UTA’s big bonuses suggest principal-agent problem

Recent news headlines have disclosed that the Utah Transit Authority spent approximately $1.74 million last year on manager bonuses, doubling the total amount from 2012. On top of the bonus windfall, UTA is also seeking an increase in sales tax to fund additional bus service they claim had to be reduced as a result of the recession.

Individual bonuses for executives skyrocketed as high as $30,000 on top of the already $300,000 plus in compensation packages some of the highest ranking executives already receive on a yearly basis. Utah’s head honcho, Gov. Gary Herbert, only receives a total compensation package of $151,000.

UTA has claimed that these bonuses are used as a tool to attract top talent and reward performance, but I believe this is a prime example of the principal-agent problem.

For those not familiar with this, I’ll provide a quick definition:

The principal-agent problem arises when one party (agent) agrees to work in favor of another party (principal) in return for various incentives. Such an agreement may incur huge costs for the agent, thereby leading to the problems of moral hazard and conflict of interest. Owing to the costs incurred, the agent might begin to pursue his own agenda and ignore the best interests of the principal, thereby causing the principal-agent problem to occur.

The public sector will always operate differently than the private sector. Services provided to citizens are different than services that are provided to paying customers. Private entities get to choose their own customers and success is largely measured by profits. Public entities serve all citizens with the responsibility of providing services that generate a public good or interest.

But differences in the role and purpose of government and business go beyond the mere drive for profits.

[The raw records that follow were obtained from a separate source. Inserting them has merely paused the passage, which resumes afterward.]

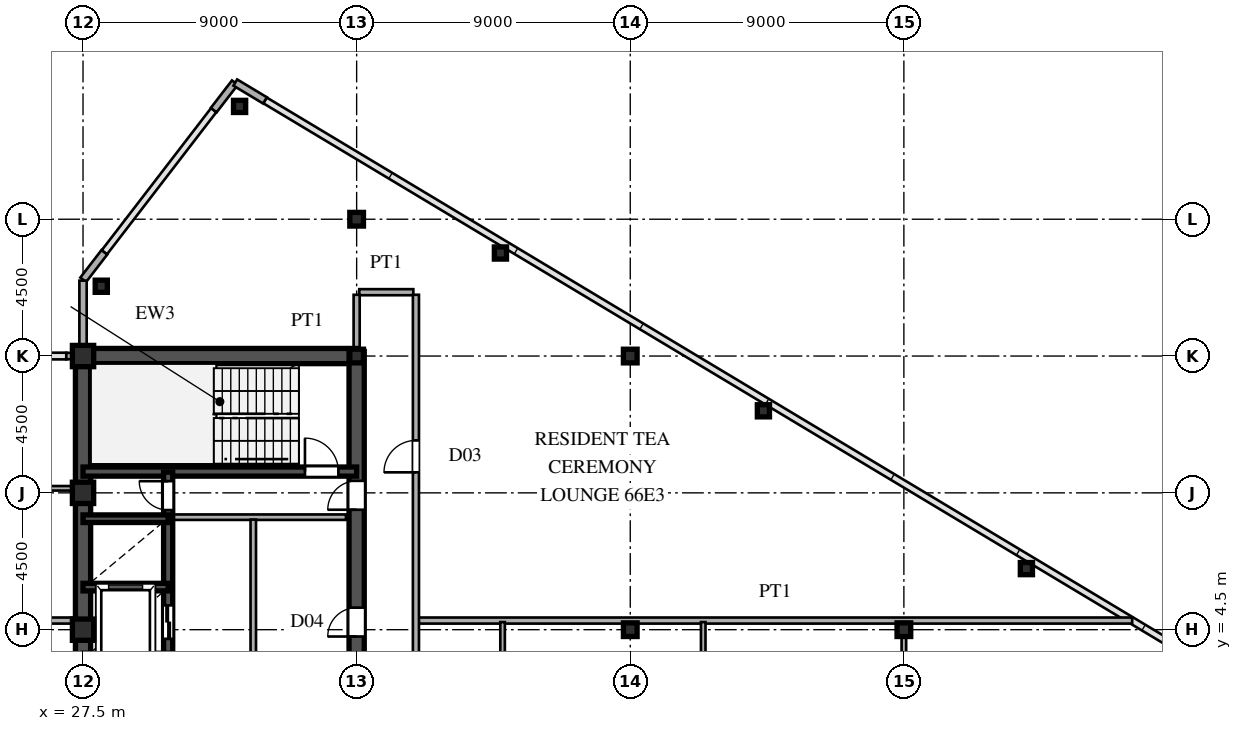
"""IFC4 building model, lengths in metres.
Left out: names, types, materials, properties, quantities, classifications, styles, units other than length and angle.
Written with IfcOpenShell. Run it as: python <this file> out.ifc"""

import sys

from ifc_helpers import new_model, si_unit, direction, frame, frame_2d, origin, origin_2d, place, context, subcontext, project, spatial, rectangle, hollow_rectangle, i_section, extrude, source, transform, mapped, element, fill, save


model = new_model("IFC4")
c1 = context("Model", 3, precision=1e-05, world=origin(), true_north=direction((0.0, 1.0)))
c2 = subcontext(c1, "Body", "Model", "MODEL_VIEW")
j1 = project(units=[si_unit("LENGTHUNIT", "METRE"), si_unit("PLANEANGLEUNIT", "RADIAN")], contexts=[c1])
p1 = place(None, origin())
s1 = spatial("IfcSite", under=j1, at=p1, CompositionType="ELEMENT")
p2 = place(p1, origin())
s2 = spatial("IfcBuilding", under=s1, at=p2, CompositionType="ELEMENT")
p3 = place(p2, frame((0.0, 0.0, 250.65)))
s3 = spatial("IfcBuildingStorey", under=s2, at=p3, CompositionType="ELEMENT", Elevation=250.65)
m1 = source(origin(), c2, "Body", "SweptSolid", [
    extrude(hollow_rectangle(XDim=0.7, YDim=0.7, WallThickness=0.03, at=origin_2d()), origin(), (0.0, 0.0, 1.0), 3.75),
])
for number, where, z_axis, x_axis in (
    (1, (27.5, 4.5, 0.0), (0.0, 0.0, 1.0), (1.0, 0.0, 0.0)),
    (2, (27.5, 9.0, 0.0), (0.0, 0.0, 1.0), (1.0, 0.0, 0.0)),
    (3, (27.5, 13.5, 0.0), (0.0, 0.0, 1.0), (1.0, 0.0, 0.0)),
):
    element("IfcColumn", number, at=place(p3, frame(where, z_axis=z_axis, x_axis=x_axis)), inside=s3, PredefinedType="COLUMN", context=c2, shape_type="MappedRepresentation", body=[
        mapped(m1, transform((0.0, 0.0, 0.0), scale=1.0)),
    ])
m2 = source(origin(), c2, "Body", "SweptSolid", [
    extrude(i_section(OverallWidth=0.45, OverallDepth=0.45, WebThickness=0.016, FlangeThickness=0.025, at=origin_2d()), origin(), (0.0, 0.0, 1.0), 3.75),
])
for number, where, z_axis, x_axis in (
    (4, (36.5, 13.5, 0.0), (0.0, 0.0, 1.0), (1.0, 0.0, 0.0)),
    (5, (36.5, 18.0, 0.0), (0.0, 0.0, 1.0), (1.0, 0.0, 0.0)),
    (6, (45.5, 4.5, 0.0), (0.0, 0.0, 1.0), (1.0, 0.0, 0.0)),
    (7, (45.5, 13.5, 0.0), (0.0, 0.0, 1.0), (1.0, 0.0, 0.0)),
    (8, (54.5, 4.5, 0.0), (0.0, 0.0, 1.0), (1.0, 0.0, 0.0)),
):
    element("IfcColumn", number, at=place(p3, frame(where, z_axis=z_axis, x_axis=x_axis)), inside=s3, PredefinedType="COLUMN", context=c2, shape_type="MappedRepresentation", body=[
        mapped(m2, transform((0.0, 0.0, 0.0), scale=1.0)),
    ])
m3 = source(origin(), c2, "Body", "SweptSolid", [
    extrude(hollow_rectangle(XDim=0.4, YDim=0.4, WallThickness=0.016, at=origin_2d()), origin(), (0.0, 0.0, 1.0), 3.75),
])
for number, where, z_axis, x_axis in (
    (9, (32.65, 21.71, 0.0), (0.0, 0.0, 1.0), (1.0, 0.0, 0.0)),
    (10, (28.1, 15.796, 0.0), (0.0, 0.0, 1.0), (1.0, 0.0, 0.0)),
    (11, (41.23, 16.889, 0.0), (0.0, 0.0, 1.0), (1.0, 0.0, 0.0)),
    (12, (49.88, 11.699, 0.0), (0.0, 0.0, 1.0), (1.0, 0.0, 0.0)),
    (13, (58.53, 6.509, 0.0), (0.0, 0.0, 1.0), (1.0, 0.0, 0.0)),
):
    element("IfcColumn", number, at=place(p3, frame(where, z_axis=z_axis, x_axis=x_axis)), inside=s3, PredefinedType="COLUMN", context=c2, shape_type="MappedRepresentation", body=[
        mapped(m3, transform((0.0, 0.0, 0.0), scale=1.0)),
    ])
for number, where, z_axis, x_axis in (
    (14, (33.486, 21.908, 0.0), (0.0, 0.0, 1.0), (-0.857, 0.515, 0.0)),
    (15, (32.494, 22.492, 0.0), (0.0, 0.0, 1.0), (-0.61, -0.793, 0.0)),
    (16, (28.201, 16.912, 0.0), (0.0, 0.0, 1.0), (-0.61, -0.793, 0.0)),
):
    element("IfcWall", number, at=place(p3, frame(where, z_axis=z_axis, x_axis=x_axis)), inside=s3, PredefinedType="SOLIDWALL", context=c2, shape_type="SweptSolid", body=[
        extrude(rectangle(XDim=1.14, YDim=0.24, at=frame_2d((0.57, 0.0))), origin(), (0.0, 0.0, 1.0), 3.53),
    ])
p4 = place(p3, frame((27.5, 13.755, 0.0), z_axis=(0.0, 0.0, 1.0), x_axis=(0.0, 1.0, 0.0)))
e17 = element("IfcWall", 17, at=p4, inside=s3, PredefinedType="SOLIDWALL", context=c2, shape_type="SweptSolid", body=[
    extrude(rectangle(XDim=0.62, YDim=0.24, at=frame_2d((0.31, 0.0))), origin(), (0.0, 0.0, 1.0), 3.03),
])
p5 = place(p3, frame((27.5, 14.375, 0.0), z_axis=(0.0, 0.0, 1.0), x_axis=(0.0, 1.0, 0.0)))
e18 = element("IfcWall", 18, at=p5, inside=s3, PredefinedType="SOLIDWALL", context=c2, shape_type="SweptSolid", body=[
    extrude(rectangle(XDim=1.605, YDim=0.24, at=frame_2d((0.803, 0.0))), origin(), (0.0, 0.0, 1.0), 3.53),
])
p6 = place(p3, frame((26.95, 13.5, 0.0), z_axis=(0.0, 0.0, 1.0), x_axis=(1.0, 0.0, 0.0)))
e19 = element("IfcWall", 19, at=p6, inside=s3, PredefinedType="SOLIDWALL", context=c2, shape_type="SweptSolid", body=[
    extrude(rectangle(XDim=0.54, YDim=0.21, at=frame_2d((0.27, 0.0))), origin(), (0.0, 0.0, 1.0), 3.03),
])
p7 = place(p3, frame((27.5, 1.3, 0.0), z_axis=(0.0, 0.0, 1.0), x_axis=(0.0, 1.0, 0.0)))
e20 = element("IfcWall", 20, at=p7, inside=s3, PredefinedType="SHEAR", context=c2, shape_type="SweptSolid", body=[
    extrude(rectangle(XDim=12.2, YDim=0.5, at=frame_2d((6.1, 0.0))), origin(), (0.0, 0.0, 1.0), 3.53),
])
p8 = place(p3, frame((27.5, 13.5, 0.0), z_axis=(0.0, 0.0, 1.0), x_axis=(1.0, 0.0, 0.0)))
e21 = element("IfcWall", 21, at=p8, inside=s3, PredefinedType="SHEAR", context=c2, shape_type="SweptSolid", body=[
    extrude(rectangle(XDim=9.0, YDim=0.5, at=frame_2d((4.5, 0.0))), origin(), (0.0, 0.0, 1.0), 3.53),
])
p9 = place(p3, frame((36.5, 8.2, 0.0), z_axis=(0.0, 0.0, 1.0), x_axis=(0.0, 1.0, 0.0)))
e22 = element("IfcWall", 22, at=p9, inside=s3, PredefinedType="SHEAR", context=c2, shape_type="SweptSolid", body=[
    extrude(rectangle(XDim=5.45, YDim=0.5, at=frame_2d((2.725, 0.0))), origin(), (0.0, 0.0, 1.0), 3.53),
])
p10 = place(p9, frame((0.245, 0.0, 0.0)))
e23 = element("IfcOpeningElement", 23, at=p10, cuts=e22, PredefinedType="OPENING", context=c2, shape_type="SweptSolid", body=[
    extrude(rectangle(XDim=0.95, YDim=2.15, at=frame_2d((0.475, 1.075))), frame((0.0, 0.26, 0.0), z_axis=(0.0, -1.0, 0.0), x_axis=(1.0, 0.0, 0.0)), (0.0, 0.0, 1.0), 0.52),
])
p11 = place(p3, frame((36.5, 1.3, 0.0), z_axis=(0.0, 0.0, 1.0), x_axis=(0.0, 1.0, 0.0)))
e24 = element("IfcWall", 24, at=p11, inside=s3, PredefinedType="SHEAR", context=c2, shape_type="SweptSolid", body=[
    extrude(rectangle(XDim=6.9, YDim=0.5, at=frame_2d((3.45, 0.0))), origin(), (0.0, 0.0, 1.0), 3.53),
])
p12 = place(p11, frame((2.975, 0.0, 0.0)))
e25 = element("IfcOpeningElement", 25, at=p12, cuts=e24, PredefinedType="OPENING", context=c2, shape_type="SweptSolid", body=[
    extrude(rectangle(XDim=0.95, YDim=2.15, at=frame_2d((0.475, 1.075))), frame((0.0, 0.26, 0.0), z_axis=(0.0, -1.0, 0.0), x_axis=(1.0, 0.0, 0.0)), (0.0, 0.0, 1.0), 0.52),
])
p13 = place(p3, frame((27.5, 9.7, 0.0), z_axis=(0.0, 0.0, 1.0), x_axis=(1.0, 0.0, 0.0)))
e26 = element("IfcWall", 26, at=p13, inside=s3, PredefinedType="SHEAR", context=c2, shape_type="SweptSolid", body=[
    extrude(rectangle(XDim=9.0, YDim=0.3, at=frame_2d((4.5, 0.0))), origin(), (0.0, 0.0, 1.0), 3.53),
])
p14 = place(p13, frame((7.3, 0.0, 0.0)))
e27 = element("IfcOpeningElement", 27, at=p14, cuts=e26, PredefinedType="OPENING", context=c2, shape_type="SweptSolid", body=[
    extrude(rectangle(XDim=1.1, YDim=2.2, at=frame_2d((0.55, 1.1))), frame((0.0, 0.16, 0.0), z_axis=(0.0, -1.0, 0.0), x_axis=(1.0, 0.0, 0.0)), (0.0, 0.0, 1.0), 0.32),
])
for number, where, z_axis, x_axis in (
    (28, (27.5, 5.9, 0.0), (0.0, 0.0, 1.0), (1.0, 0.0, 0.0)),
    (29, (27.5, 8.15, 0.0), (0.0, 0.0, 1.0), (1.0, 0.0, 0.0)),
):
    element("IfcWall", number, at=place(p3, frame(where, z_axis=z_axis, x_axis=x_axis)), inside=s3, PredefinedType="SHEAR", context=c2, shape_type="SweptSolid", body=[
        extrude(rectangle(XDim=2.8, YDim=0.25, at=frame_2d((1.4, 0.0))), origin(), (0.0, 0.0, 1.0), 3.53),
    ])
p15 = place(p3, frame((30.3, 3.6, 0.0), z_axis=(0.0, 0.0, 1.0), x_axis=(0.0, 1.0, 0.0)))
e30 = element("IfcWall", 30, at=p15, inside=s3, PredefinedType="SHEAR", context=c2, shape_type="SweptSolid", body=[
    extrude(rectangle(XDim=2.3, YDim=0.3, at=frame_2d((1.15, 0.0))), origin(), (0.0, 0.0, 1.0), 3.53),
])
p16 = place(p15, frame((0.6, 0.0, 0.0)))
e31 = element("IfcOpeningElement", 31, at=p16, cuts=e30, PredefinedType="OPENING", context=c2, shape_type="SweptSolid", body=[
    extrude(rectangle(XDim=1.1, YDim=2.2, at=frame_2d((0.55, 1.1))), frame((0.0, 0.16, 0.0), z_axis=(0.0, -1.0, 0.0), x_axis=(1.0, 0.0, 0.0)), (0.0, 0.0, 1.0), 0.32),
])
p17 = place(p3, frame((30.3, 5.9, 0.0), z_axis=(0.0, 0.0, 1.0), x_axis=(0.0, 1.0, 0.0)))
e32 = element("IfcWall", 32, at=p17, inside=s3, PredefinedType="SHEAR", context=c2, shape_type="SweptSolid", body=[
    extrude(rectangle(XDim=2.25, YDim=0.3, at=frame_2d((1.125, 0.0))), origin(), (0.0, 0.0, 1.0), 3.53),
])
p18 = place(p3, frame((30.3, 8.15, 0.0), z_axis=(0.0, 0.0, 1.0), x_axis=(0.0, 1.0, 0.0)))
e33 = element("IfcWall", 33, at=p18, inside=s3, PredefinedType="SHEAR", context=c2, shape_type="SweptSolid", body=[
    extrude(rectangle(XDim=1.53, YDim=0.3, at=frame_2d((0.765, 0.0))), origin(), (0.0, 0.0, 1.0), 3.53),
])
p19 = place(p18, frame((0.285, 0.0, 0.0)))
e34 = element("IfcOpeningElement", 34, at=p19, cuts=e33, PredefinedType="OPENING", context=c2, shape_type="SweptSolid", body=[
    extrude(rectangle(XDim=0.95, YDim=2.15, at=frame_2d((0.475, 1.075))), frame((0.0, 0.16, 0.0), z_axis=(0.0, -1.0, 0.0), x_axis=(1.0, 0.0, 0.0)), (0.0, 0.0, 1.0), 0.32),
])
p20 = place(p3, frame((30.45, 8.2, 0.0), z_axis=(0.0, 0.0, 1.0), x_axis=(1.0, 0.0, 0.0)))
e35 = element("IfcWall", 35, at=p20, inside=s3, PredefinedType="PARTITIONING", context=c2, shape_type="SweptSolid", body=[
    extrude(rectangle(XDim=5.7, YDim=0.18, at=frame_2d((2.85, 0.0))), origin(), (0.0, 0.0, 1.0), 3.53),
])
p21 = place(p3, frame((33.1, 1.38, 0.0), z_axis=(0.0, 0.0, 1.0), x_axis=(0.0, 1.0, 0.0)))
e36 = element("IfcWall", 36, at=p21, inside=s3, PredefinedType="PARTITIONING", context=c2, shape_type="SweptSolid", body=[
    extrude(rectangle(XDim=6.74, YDim=0.18, at=frame_2d((3.37, 0.0))), origin(), (0.0, 0.0, 1.0), 3.53),
])
p22 = place(p3, frame((-27.245, 4.8, 0.0), z_axis=(0.0, 0.0, 1.0), x_axis=(1.0, 0.0, 0.0)))
e37 = element("IfcWall", 37, at=p22, inside=s3, PredefinedType="PARTITIONING", context=c2, shape_type="SweptSolid", body=[
    extrude(rectangle(XDim=54.49, YDim=0.2, at=frame_2d((27.245, 0.0))), origin(), (0.0, 0.0, 1.0), 3.53),
])
p23 = place(p22, frame((24.97, 0.0, 0.0)))
e38 = element("IfcOpeningElement", 38, at=p23, cuts=e37, PredefinedType="OPENING", context=c2, shape_type="SweptSolid", body=[
    extrude(rectangle(XDim=1.05, YDim=2.25, at=frame_2d((0.525, 1.125))), frame((0.0, 0.11, 0.0), z_axis=(0.0, -1.0, 0.0), x_axis=(1.0, 0.0, 0.0)), (0.0, 0.0, 1.0), 0.22),
])
p24 = place(p3, frame((38.53, 4.8, 0.0), z_axis=(0.0, 0.0, 1.0), x_axis=(1.0, 0.0, 0.0)))
e39 = element("IfcWall", 39, at=p24, inside=s3, PredefinedType="PARTITIONING", context=c2, shape_type="SweptSolid", body=[
    extrude(rectangle(XDim=23.48, YDim=0.2, at=frame_2d((11.74, 0.0))), origin(), (0.0, 0.0, 1.0), 3.53),
])
p25 = place(p3, frame((7.085, 9.15, 0.0), z_axis=(0.0, 0.0, 1.0), x_axis=(1.0, 0.0, 0.0)))
e40 = element("IfcWall", 40, at=p25, inside=s3, PredefinedType="PARTITIONING", context=c2, shape_type="SweptSolid", body=[
    extrude(rectangle(XDim=20.16, YDim=0.15, at=frame_2d((10.08, 0.0))), origin(), (0.0, 0.0, 1.0), 3.53),
])
p26 = place(p25, frame((3.44, 0.0, 0.0)))
e41 = element("IfcOpeningElement", 41, at=p26, cuts=e40, PredefinedType="OPENING", context=c2, shape_type="SweptSolid", body=[
    extrude(rectangle(XDim=0.95, YDim=2.15, at=frame_2d((0.475, 1.075))), frame((0.0, 0.085, 0.0), z_axis=(0.0, -1.0, 0.0), x_axis=(1.0, 0.0, 0.0)), (0.0, 0.0, 1.0), 0.17),
])
p27 = place(p25, frame((10.69, 0.0, 0.0)))
e42 = element("IfcOpeningElement", 42, at=p27, cuts=e40, PredefinedType="OPENING", context=c2, shape_type="SweptSolid", body=[
    extrude(rectangle(XDim=0.95, YDim=2.15, at=frame_2d((0.475, 1.075))), frame((0.0, 0.085, 0.0), z_axis=(0.0, -1.0, 0.0), x_axis=(1.0, 0.0, 0.0)), (0.0, 0.0, 1.0), 0.17),
])
p28 = place(p25, frame((16.94, 0.0, 0.0)))
e43 = element("IfcOpeningElement", 43, at=p28, cuts=e40, PredefinedType="OPENING", context=c2, shape_type="SweptSolid", body=[
    extrude(rectangle(XDim=0.95, YDim=2.15, at=frame_2d((0.475, 1.075))), frame((0.0, 0.085, 0.0), z_axis=(0.0, -1.0, 0.0), x_axis=(1.0, 0.0, 0.0)), (0.0, 0.0, 1.0), 0.17),
])
p29 = place(p3, frame((36.585, 15.6, 0.0), z_axis=(0.0, 0.0, 1.0), x_axis=(1.0, 0.0, 0.0)))
e44 = element("IfcWall", 44, at=p29, inside=s3, PredefinedType="PARTITIONING", context=c2, shape_type="SweptSolid", body=[
    extrude(rectangle(XDim=1.78, YDim=0.2, at=frame_2d((0.89, 0.0))), origin(), (0.0, 0.0, 1.0), 3.53),
])
p30 = place(p3, frame((36.5, 13.755, 0.0), z_axis=(0.0, 0.0, 1.0), x_axis=(0.0, 1.0, 0.0)))
e45 = element("IfcWall", 45, at=p30, inside=s3, PredefinedType="PARTITIONING", context=c2, shape_type="SweptSolid", body=[
    extrude(rectangle(XDim=1.76, YDim=0.2, at=frame_2d((0.88, 0.0))), origin(), (0.0, 0.0, 1.0), 2.93),
])
p31 = place(p3, frame((38.45, -15.515, 0.0), z_axis=(0.0, 0.0, 1.0), x_axis=(0.0, 1.0, 0.0)))
e46 = element("IfcWall", 46, at=p31, inside=s3, PredefinedType="PARTITIONING", context=c2, shape_type="SweptSolid", body=[
    extrude(rectangle(XDim=31.03, YDim=0.2, at=frame_2d((15.515, 0.0))), origin(), (0.0, 0.0, 1.0), 3.53),
])
p32 = place(p31, frame((3.09, 0.0, 0.0)))
e47 = element("IfcOpeningElement", 47, at=p32, cuts=e46, PredefinedType="OPENING", context=c2, shape_type="SweptSolid", body=[
    extrude(rectangle(XDim=1.05, YDim=2.25, at=frame_2d((0.525, 1.125))), frame((0.0, 0.11, 0.0), z_axis=(0.0, -1.0, 0.0), x_axis=(1.0, 0.0, 0.0)), (0.0, 0.0, 1.0), 0.22),
])
p33 = place(p31, frame((13.095, 0.0, 0.0)))
e48 = element("IfcOpeningElement", 48, at=p33, cuts=e46, PredefinedType="OPENING", context=c2, shape_type="SweptSolid", body=[
    extrude(rectangle(XDim=1.05, YDim=2.25, at=frame_2d((0.525, 1.125))), frame((0.0, 0.11, 0.0), z_axis=(0.0, -1.0, 0.0), x_axis=(1.0, 0.0, 0.0)), (0.0, 0.0, 1.0), 0.22),
])
p34 = place(p31, frame((25.19, 0.0, 0.0)))
e49 = element("IfcOpeningElement", 49, at=p34, cuts=e46, PredefinedType="OPENING", context=c2, shape_type="SweptSolid", body=[
    extrude(rectangle(XDim=1.05, YDim=2.25, at=frame_2d((0.525, 1.125))), frame((0.0, 0.11, 0.0), z_axis=(0.0, -1.0, 0.0), x_axis=(1.0, 0.0, 0.0)), (0.0, 0.0, 1.0), 0.22),
])
p35 = place(p3, frame((41.3, 0.952, 0.0), z_axis=(0.0, 0.0, 1.0), x_axis=(0.0, 1.0, 0.0)))
e50 = element("IfcWall", 50, at=p35, inside=s3, PredefinedType="PARTITIONING", context=c2, shape_type="SweptSolid", body=[
    extrude(rectangle(XDim=3.798, YDim=0.15, at=frame_2d((1.899, 0.0))), origin(), (0.0, 0.0, 1.0), 3.53),
])
p36 = place(p3, frame((47.9, -8.15, 0.0), z_axis=(0.0, 0.0, 1.0), x_axis=(0.0, 1.0, 0.0)))
e51 = element("IfcWall", 51, at=p36, inside=s3, PredefinedType="PARTITIONING", context=c2, shape_type="SweptSolid", body=[
    extrude(rectangle(XDim=12.9, YDim=0.15, at=frame_2d((6.45, 0.0))), origin(), (0.0, 0.0, 1.0), 3.53),
])
p37 = place(p36, frame((5.975, 0.0, 0.0)))
e52 = element("IfcOpeningElement", 52, at=p37, cuts=e51, PredefinedType="OPENING", context=c2, shape_type="SweptSolid", body=[
    extrude(rectangle(XDim=0.95, YDim=2.15, at=frame_2d((0.475, 1.075))), frame((0.0, 0.085, 0.0), z_axis=(0.0, -1.0, 0.0), x_axis=(1.0, 0.0, 0.0)), (0.0, 0.0, 1.0), 0.17),
])
p38 = place(p36, frame((1.642, 0.0, 0.0)))
e53 = element("IfcOpeningElement", 53, at=p38, cuts=e51, PredefinedType="OPENING", context=c2, shape_type="SweptSolid", body=[
    extrude(rectangle(XDim=0.95, YDim=2.15, at=frame_2d((0.475, 1.075))), frame((0.0, 0.085, 0.0), z_axis=(0.0, -1.0, 0.0), x_axis=(1.0, 0.0, 0.0)), (0.0, 0.0, 1.0), 0.17),
])
p39 = place(p3, frame((54.5, -8.15, 0.0), z_axis=(0.0, 0.0, 1.0), x_axis=(0.0, 1.0, 0.0)))
e54 = element("IfcWall", 54, at=p39, inside=s3, PredefinedType="PARTITIONING", context=c2, shape_type="SweptSolid", body=[
    extrude(rectangle(XDim=12.9, YDim=0.15, at=frame_2d((6.45, 0.0))), origin(), (0.0, 0.0, 1.0), 2.93),
])
p40 = place(p39, frame((5.975, 0.0, 0.0)))
e55 = element("IfcOpeningElement", 55, at=p40, cuts=e54, PredefinedType="OPENING", context=c2, shape_type="SweptSolid", body=[
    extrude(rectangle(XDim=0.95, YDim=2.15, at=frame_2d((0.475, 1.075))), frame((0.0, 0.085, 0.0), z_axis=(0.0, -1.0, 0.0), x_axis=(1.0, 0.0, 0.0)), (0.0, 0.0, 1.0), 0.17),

The economist Arthur Okun, in his book, “Equality and Efficiency: The Big Tradeoff,” states that

a democratic capitalist society will keep searching for better ways of drawing boundary lines between the domain of rights and the domain of dollars. And it can make progress. To be sure, it will never solve the problem, for the conflict between equality and economic efficiency is inescapable. In that sense, capitalism and democracy are really a most improbable mixture. Maybe that is why they need each other — to put some rationality into equity and some humanity into efficiency.

Government is about creating equality and serving the greater good. To avoid the principal-agent problem, public servants must refrain from seeking their own self interests and instead seek to be faithful agents of taxpayers and voters by exclusively serving the public interest.

This should always be the goal of anyone desiring to work in public service. If UTA executives and managers want private sector salaries and bonuses, they should go find a job in the private sector.